Ideally, the candidate should have experience working with the technology stack in the scalable and high growth mobile application software.
General Skills
- 3-4 years of experience in DevOps.
- Bachelor's degree in Computer Science, Information Science, or equivalent practical experience.
- Exposure to Behaviour Driven Development and experience in programming and testing.
- Excellent verbal and written communication skills.

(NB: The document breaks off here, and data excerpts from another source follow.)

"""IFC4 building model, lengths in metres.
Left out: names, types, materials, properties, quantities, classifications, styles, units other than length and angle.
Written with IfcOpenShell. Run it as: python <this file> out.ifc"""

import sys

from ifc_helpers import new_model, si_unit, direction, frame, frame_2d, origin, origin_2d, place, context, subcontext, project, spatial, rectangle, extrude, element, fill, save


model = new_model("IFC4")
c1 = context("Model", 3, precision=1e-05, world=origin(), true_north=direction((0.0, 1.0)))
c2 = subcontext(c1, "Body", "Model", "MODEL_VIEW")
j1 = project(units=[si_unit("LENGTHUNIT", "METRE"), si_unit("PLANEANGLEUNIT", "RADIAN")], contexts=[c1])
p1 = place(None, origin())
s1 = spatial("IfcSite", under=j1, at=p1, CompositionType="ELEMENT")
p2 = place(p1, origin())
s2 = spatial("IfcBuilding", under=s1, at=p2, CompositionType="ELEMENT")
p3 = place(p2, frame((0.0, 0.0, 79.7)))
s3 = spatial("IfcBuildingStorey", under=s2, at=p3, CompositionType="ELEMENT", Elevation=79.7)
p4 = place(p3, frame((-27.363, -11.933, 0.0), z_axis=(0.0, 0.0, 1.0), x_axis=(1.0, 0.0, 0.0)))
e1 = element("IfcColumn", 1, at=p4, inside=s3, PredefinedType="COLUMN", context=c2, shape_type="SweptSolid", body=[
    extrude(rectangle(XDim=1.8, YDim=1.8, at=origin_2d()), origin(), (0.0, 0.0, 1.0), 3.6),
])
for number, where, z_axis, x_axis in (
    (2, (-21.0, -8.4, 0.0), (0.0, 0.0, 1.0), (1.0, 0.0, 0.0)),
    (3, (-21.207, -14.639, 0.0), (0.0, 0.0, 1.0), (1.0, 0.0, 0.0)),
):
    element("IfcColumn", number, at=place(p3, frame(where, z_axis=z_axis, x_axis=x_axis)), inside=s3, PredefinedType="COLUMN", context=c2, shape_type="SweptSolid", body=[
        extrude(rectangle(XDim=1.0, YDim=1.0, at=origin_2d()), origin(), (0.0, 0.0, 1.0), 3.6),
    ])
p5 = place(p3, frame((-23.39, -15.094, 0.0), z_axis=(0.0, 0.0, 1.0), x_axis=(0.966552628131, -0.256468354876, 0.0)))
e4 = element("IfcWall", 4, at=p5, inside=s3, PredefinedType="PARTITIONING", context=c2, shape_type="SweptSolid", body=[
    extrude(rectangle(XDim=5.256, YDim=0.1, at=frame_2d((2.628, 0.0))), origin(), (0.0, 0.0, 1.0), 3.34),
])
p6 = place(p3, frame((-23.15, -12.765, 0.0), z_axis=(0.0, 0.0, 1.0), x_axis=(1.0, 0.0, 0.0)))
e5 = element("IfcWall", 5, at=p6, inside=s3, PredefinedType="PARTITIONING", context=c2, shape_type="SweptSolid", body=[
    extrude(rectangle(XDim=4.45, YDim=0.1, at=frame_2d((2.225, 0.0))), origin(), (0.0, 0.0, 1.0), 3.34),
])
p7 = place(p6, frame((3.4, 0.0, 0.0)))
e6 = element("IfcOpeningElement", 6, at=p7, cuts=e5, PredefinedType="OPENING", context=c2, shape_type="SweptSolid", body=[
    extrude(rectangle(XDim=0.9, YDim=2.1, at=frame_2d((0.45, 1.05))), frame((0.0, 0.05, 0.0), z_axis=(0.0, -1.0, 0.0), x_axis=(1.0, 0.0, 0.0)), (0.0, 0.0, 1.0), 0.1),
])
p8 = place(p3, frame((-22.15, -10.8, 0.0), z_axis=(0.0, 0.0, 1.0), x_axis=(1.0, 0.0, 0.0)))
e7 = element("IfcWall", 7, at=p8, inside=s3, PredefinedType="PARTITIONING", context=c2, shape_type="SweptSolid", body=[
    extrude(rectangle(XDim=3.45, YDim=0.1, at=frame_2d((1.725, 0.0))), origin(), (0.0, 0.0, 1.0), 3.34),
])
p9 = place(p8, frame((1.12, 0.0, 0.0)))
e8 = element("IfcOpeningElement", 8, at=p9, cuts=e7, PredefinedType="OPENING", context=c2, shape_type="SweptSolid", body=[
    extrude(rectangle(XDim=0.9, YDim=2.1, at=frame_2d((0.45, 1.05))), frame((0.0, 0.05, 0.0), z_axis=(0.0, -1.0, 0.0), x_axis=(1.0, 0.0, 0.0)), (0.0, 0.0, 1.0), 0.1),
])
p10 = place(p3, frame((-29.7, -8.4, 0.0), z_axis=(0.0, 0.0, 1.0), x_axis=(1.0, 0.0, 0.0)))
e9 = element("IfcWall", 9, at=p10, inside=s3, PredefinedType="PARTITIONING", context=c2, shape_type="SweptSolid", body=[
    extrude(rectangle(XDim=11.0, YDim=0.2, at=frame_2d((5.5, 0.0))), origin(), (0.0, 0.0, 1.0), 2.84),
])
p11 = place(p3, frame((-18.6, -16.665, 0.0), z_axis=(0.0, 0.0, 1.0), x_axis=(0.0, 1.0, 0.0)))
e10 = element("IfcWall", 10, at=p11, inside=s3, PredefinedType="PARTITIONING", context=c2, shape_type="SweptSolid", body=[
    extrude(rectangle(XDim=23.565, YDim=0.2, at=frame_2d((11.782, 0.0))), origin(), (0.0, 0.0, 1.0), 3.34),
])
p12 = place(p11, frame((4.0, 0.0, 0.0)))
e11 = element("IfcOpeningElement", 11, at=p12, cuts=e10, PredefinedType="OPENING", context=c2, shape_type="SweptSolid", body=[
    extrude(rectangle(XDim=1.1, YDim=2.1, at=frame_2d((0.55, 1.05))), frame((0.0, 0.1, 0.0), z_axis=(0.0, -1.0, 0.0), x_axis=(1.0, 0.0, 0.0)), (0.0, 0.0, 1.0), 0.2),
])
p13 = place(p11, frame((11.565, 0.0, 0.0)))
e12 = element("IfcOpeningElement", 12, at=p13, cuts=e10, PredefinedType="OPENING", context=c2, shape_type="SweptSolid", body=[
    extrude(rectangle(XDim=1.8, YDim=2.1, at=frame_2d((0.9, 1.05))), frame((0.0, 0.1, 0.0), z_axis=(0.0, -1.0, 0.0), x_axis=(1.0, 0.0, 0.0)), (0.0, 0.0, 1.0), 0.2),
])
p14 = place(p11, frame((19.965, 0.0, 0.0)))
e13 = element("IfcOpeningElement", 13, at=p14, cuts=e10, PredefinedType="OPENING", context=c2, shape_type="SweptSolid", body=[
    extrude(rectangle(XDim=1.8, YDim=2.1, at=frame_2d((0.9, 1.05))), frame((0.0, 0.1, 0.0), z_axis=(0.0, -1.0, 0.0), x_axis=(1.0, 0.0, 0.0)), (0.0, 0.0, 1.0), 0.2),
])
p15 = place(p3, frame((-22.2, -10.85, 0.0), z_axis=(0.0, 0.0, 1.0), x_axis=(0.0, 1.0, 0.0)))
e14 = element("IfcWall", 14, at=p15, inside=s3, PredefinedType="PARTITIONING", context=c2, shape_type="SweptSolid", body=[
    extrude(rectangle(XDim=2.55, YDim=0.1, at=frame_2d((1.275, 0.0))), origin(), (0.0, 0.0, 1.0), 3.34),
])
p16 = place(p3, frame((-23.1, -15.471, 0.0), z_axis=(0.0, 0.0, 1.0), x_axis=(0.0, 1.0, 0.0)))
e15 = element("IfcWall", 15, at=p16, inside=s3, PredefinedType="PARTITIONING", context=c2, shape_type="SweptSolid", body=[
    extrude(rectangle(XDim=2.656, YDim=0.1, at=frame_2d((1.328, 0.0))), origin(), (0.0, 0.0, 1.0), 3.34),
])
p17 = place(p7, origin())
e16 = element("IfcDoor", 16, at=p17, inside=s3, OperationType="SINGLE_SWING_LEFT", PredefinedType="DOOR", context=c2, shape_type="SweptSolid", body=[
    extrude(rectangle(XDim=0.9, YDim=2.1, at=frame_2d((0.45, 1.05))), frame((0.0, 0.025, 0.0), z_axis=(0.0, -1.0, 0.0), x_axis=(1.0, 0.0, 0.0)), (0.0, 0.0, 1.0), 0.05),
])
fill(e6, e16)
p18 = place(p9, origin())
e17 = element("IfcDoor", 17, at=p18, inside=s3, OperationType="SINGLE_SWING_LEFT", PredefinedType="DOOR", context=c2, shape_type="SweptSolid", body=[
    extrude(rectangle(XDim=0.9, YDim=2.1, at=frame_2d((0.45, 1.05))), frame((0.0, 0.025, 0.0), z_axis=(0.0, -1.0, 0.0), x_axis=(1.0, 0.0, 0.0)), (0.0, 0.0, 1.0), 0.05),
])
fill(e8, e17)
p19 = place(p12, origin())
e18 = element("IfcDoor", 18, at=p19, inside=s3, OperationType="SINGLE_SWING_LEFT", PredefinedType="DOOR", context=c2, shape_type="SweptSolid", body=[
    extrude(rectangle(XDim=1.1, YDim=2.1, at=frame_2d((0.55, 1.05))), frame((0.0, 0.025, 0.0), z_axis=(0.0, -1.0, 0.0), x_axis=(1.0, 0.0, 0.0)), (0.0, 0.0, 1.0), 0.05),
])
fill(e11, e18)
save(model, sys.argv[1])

- Good time management and organizational skills.
- Dependability
- Accountability and Ownership
- Right attitude and growth mindset
- Trust-worthiness
- Ability to embrace new technologies
- Ability to get work done
- Should have excellent analytical and troubleshooting skills.
Technical Skills
- Work with developer teams with a focus on automating build and deployment using tools such as Jenkins.
- Implement CI/CD in projects (GitLabCI preferred).
- Enable software build and deploy.
- Provisioning both day to day operations and automation using tools, e. g. Ansible, Bash.
- Write, plan, create infra as a code using Terraform.
- Monitoring, ITSM automation incident creation from alerts using licensed and open source tools.
- Manage credentials for AWS cloud servers, github repos, Atlassian Cloud services, Jenkins, OpenVPN, and the developers environment.
- Building environments for unit tests, integration tests, system tests, and acceptance tests using Jenkins.
- Create and spin off resource instances.
- Experience implementing CI/CD.
- Experience with infrastructure automation solutions (Ansible, Chef, Puppet, etc. ).
- Experience with AWS.
- Should have expert Linux and Network administration skills to troubleshoot and trace symptoms back to the root cause.
- Knowledge of application clustering / load balancing concepts and technologies.
- Demonstrated ability to think strategically about developing solution strategies, and deliver results.
- Good understanding of design of native Cloud applications Cloud application design patterns and practices in AWS.
Day-to-Day requirements
- Work with the developer team to enhance the existing CI/CD pipeline.
- Adopt industry best practices to set up a UAT and prod environment for scalability.
- Manage the AWS resources including IAM users, access control, billing etc.
- Work with the test automation engineer to establish a CI/CD pipeline.
- Work on replication of environments easy to implement.
- Enable efficient software deployment.